The children live with my ex-wife in New York. I have an apartment and a grave in Philadelphia. She’s a criolla who vamps criollos. Fair-skinned, wealthy. She comes from an old, established Colombian family. I never belonged in that world. My father was an Irish miner who didn’t bequeath me his red hair but did pass on his sense of class resentment and a talent for debauchery. We met in Bogotá, and married there. We had two morganatic children and were, like almost everyone else, unhappy—“largely unhappy,” as the Yankees would elegantly put it. A few years ago we both did a “criollazo.” I lost everything in a Bogotá gaming house. She went off to Manhattan to start a career as a resentful poet. I came to Philadelphia, though I’m not quite sure what I intended to start.

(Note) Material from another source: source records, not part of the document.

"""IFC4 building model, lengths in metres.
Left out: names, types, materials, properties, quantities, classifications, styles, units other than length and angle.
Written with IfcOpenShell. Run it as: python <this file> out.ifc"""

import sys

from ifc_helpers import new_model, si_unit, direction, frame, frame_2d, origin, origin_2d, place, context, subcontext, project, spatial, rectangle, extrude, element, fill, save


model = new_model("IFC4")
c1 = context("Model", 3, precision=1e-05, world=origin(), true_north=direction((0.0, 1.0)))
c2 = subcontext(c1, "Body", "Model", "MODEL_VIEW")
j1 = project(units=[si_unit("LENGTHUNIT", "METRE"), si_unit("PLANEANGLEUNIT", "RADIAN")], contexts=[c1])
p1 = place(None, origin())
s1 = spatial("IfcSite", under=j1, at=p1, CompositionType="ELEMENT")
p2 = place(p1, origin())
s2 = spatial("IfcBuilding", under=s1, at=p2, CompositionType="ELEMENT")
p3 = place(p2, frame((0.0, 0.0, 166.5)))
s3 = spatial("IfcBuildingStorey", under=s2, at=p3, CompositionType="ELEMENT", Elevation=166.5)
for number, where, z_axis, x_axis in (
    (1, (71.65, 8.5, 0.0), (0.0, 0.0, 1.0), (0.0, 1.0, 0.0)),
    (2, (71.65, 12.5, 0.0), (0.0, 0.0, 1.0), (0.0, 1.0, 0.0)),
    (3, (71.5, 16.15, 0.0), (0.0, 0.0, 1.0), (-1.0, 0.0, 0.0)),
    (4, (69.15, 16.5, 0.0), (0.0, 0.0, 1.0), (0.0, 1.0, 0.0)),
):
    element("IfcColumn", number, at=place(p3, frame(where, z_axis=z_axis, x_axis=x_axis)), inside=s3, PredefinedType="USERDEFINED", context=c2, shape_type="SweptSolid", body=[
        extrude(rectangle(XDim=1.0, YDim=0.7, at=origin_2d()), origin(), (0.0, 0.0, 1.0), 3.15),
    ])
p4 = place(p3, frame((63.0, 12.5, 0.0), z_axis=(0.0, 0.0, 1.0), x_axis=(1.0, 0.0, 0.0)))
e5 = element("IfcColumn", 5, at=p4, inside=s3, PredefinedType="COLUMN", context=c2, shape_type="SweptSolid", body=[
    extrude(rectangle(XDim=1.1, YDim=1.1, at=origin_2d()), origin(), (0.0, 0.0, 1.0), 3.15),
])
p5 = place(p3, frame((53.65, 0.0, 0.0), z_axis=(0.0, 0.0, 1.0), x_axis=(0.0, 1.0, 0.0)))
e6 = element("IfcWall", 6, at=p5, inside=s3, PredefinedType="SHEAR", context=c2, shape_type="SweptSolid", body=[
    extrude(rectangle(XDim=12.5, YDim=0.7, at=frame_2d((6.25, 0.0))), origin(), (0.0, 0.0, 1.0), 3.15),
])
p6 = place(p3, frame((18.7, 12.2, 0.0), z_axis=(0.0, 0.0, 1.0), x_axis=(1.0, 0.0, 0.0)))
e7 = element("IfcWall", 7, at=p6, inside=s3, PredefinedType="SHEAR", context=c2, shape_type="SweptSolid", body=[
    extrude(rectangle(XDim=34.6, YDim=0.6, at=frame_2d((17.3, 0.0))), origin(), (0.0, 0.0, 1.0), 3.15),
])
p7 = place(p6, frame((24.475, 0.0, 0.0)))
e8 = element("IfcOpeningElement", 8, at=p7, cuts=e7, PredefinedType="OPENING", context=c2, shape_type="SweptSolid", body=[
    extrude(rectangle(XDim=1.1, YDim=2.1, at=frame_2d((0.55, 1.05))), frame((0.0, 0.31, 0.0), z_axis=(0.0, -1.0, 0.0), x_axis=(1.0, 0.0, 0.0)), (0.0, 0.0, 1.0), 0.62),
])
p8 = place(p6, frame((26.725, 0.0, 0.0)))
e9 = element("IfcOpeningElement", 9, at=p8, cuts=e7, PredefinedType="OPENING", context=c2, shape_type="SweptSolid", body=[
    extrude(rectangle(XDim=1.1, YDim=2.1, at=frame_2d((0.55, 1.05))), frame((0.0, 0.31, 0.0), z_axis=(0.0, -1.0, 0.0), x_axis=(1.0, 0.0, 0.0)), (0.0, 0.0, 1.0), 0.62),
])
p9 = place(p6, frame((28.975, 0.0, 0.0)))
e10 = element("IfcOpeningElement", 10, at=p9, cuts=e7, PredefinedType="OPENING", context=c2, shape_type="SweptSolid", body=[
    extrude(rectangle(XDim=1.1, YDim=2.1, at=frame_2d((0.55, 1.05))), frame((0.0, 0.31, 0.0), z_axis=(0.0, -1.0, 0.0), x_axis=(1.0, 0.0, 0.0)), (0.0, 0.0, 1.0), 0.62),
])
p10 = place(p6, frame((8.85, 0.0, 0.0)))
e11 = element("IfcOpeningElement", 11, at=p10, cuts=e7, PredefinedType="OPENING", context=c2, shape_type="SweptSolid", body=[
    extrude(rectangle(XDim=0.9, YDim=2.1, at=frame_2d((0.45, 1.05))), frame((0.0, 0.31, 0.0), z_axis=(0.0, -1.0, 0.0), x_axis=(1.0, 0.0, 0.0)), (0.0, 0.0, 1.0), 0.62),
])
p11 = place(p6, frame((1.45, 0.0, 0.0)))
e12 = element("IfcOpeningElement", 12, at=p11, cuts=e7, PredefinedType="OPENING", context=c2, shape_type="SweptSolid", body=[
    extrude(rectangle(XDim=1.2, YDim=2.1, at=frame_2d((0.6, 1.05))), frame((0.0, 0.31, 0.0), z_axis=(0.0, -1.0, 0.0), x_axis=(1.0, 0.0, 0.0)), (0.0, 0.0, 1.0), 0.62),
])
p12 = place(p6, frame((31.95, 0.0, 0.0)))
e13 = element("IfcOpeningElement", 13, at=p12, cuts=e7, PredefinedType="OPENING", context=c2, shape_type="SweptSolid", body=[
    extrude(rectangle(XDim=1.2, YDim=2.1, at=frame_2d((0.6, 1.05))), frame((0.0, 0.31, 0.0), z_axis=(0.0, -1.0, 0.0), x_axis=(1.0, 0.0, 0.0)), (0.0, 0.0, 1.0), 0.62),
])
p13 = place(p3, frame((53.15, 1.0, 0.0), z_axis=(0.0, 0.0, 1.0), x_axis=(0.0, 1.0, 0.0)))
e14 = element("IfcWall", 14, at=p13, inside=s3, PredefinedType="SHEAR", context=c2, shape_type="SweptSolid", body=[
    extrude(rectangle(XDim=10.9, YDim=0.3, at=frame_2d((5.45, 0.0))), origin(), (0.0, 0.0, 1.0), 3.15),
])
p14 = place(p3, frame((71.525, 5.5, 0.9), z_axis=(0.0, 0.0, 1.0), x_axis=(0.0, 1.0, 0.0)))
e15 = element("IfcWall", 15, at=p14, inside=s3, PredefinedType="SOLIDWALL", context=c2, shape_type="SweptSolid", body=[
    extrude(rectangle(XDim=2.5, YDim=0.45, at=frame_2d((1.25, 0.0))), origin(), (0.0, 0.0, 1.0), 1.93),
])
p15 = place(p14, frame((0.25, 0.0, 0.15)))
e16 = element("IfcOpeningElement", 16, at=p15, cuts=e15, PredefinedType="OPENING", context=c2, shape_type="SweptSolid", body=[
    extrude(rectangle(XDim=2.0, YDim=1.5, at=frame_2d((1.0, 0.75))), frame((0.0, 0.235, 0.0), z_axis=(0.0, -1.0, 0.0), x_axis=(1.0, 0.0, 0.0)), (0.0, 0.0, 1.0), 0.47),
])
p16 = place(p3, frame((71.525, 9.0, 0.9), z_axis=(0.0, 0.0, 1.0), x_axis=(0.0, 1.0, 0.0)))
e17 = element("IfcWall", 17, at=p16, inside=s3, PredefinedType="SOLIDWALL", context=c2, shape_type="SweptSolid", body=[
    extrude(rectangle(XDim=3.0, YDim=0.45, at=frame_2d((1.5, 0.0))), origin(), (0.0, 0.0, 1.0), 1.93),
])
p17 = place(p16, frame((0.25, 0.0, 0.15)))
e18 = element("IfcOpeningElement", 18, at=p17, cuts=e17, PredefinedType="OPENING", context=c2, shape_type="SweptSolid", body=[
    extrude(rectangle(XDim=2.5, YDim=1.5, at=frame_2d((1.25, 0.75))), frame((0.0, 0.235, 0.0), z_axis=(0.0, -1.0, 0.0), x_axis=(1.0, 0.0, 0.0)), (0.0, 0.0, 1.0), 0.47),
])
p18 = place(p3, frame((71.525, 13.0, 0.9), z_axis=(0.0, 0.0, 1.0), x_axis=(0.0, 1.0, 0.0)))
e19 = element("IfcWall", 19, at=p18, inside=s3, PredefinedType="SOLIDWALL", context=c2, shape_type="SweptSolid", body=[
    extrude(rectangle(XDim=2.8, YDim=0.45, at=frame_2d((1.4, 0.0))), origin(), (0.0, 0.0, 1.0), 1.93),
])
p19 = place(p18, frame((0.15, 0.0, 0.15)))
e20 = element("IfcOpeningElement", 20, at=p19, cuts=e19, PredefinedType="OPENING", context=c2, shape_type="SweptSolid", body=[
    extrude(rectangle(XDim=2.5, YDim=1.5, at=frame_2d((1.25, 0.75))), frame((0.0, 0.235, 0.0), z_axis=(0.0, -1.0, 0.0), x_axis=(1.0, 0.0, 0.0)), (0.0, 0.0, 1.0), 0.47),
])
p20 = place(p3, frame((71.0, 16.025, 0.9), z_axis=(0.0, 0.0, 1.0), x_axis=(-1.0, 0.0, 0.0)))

Criollazo: the act of leaving one’s husband in one’s prime, before hitting forty, to dedicate oneself to other women’s husbands. Criollazo: the act of leaving one’s wife, on the threshold of fifty, to dedicate oneself to women without husbands.

*

The problem with criollos, and even more so with criollas, is that they’re convinced they deserve a better life than the one they have. (Note how often a criolla uses the word deserve in any conversation with another criolla.) They firmly believe that inside their head is a diamond someone should discover, polish, and put on a red cushion, so that everyone can be amazed, marvel, understand what they have been missing.

*

I’ve been living in Philadelphia for three years. After a bit of string-pulling in the Foreign Ministry, which I’d prefer not to linger on, I managed to be appointed honorary consul here. It was the only way I had of living near the children. But none of that matters now: I’m going blind, I’m fat, so fat I’ve got tits, sometimes I tremble, perhaps stutter. I’ve got three cats and I’m going to die.

*

The subway, its multiple stops, its breakdowns, its sudden accelerations, its dark zones, could function as the space-time scheme for this other novel.

*

Every fortnight I go to Manhattan to visit the children. Returning, a couple of decades on, to that city where I died so many times has something of a pilgrimage to the cemetery about it, except that instead of taking flowers to a relative or grieving at the grave of an unknown child, I go to meet the men and women I never was but, at the same time, have never been able to stop being.

*

The subway used to bring me close to dead things; to the death of things. One day, when I was traveling home from the south of the city on the 1 line, I saw Owen again. This time it was different. This time it wasn’t an external impression caused by something outside me, like that night in the bar in Harlem, nor a fleeting impression like the time before in the subway, but the stabbing certainty that I was in the presence of something at once beautiful and terrible. I was looking out of the window — nothing except the heavy darkness of the tunnels — when another train approached from behind and for a few moments traveled at the same speed as the one I was on. I saw him sitting in the same position as me, his head resting against the carriage window. And then nothing. His train speeded up and many other bodies, smudged and ghostly, passed before my eyes. When there was once again darkness outside the window, I saw my own blurred image on the glass. But it wasn’t my face; it was my face superimposed on his — as if his reflection had been stamped onto the glass and now I was reflected inside that double trapped on my carriage window.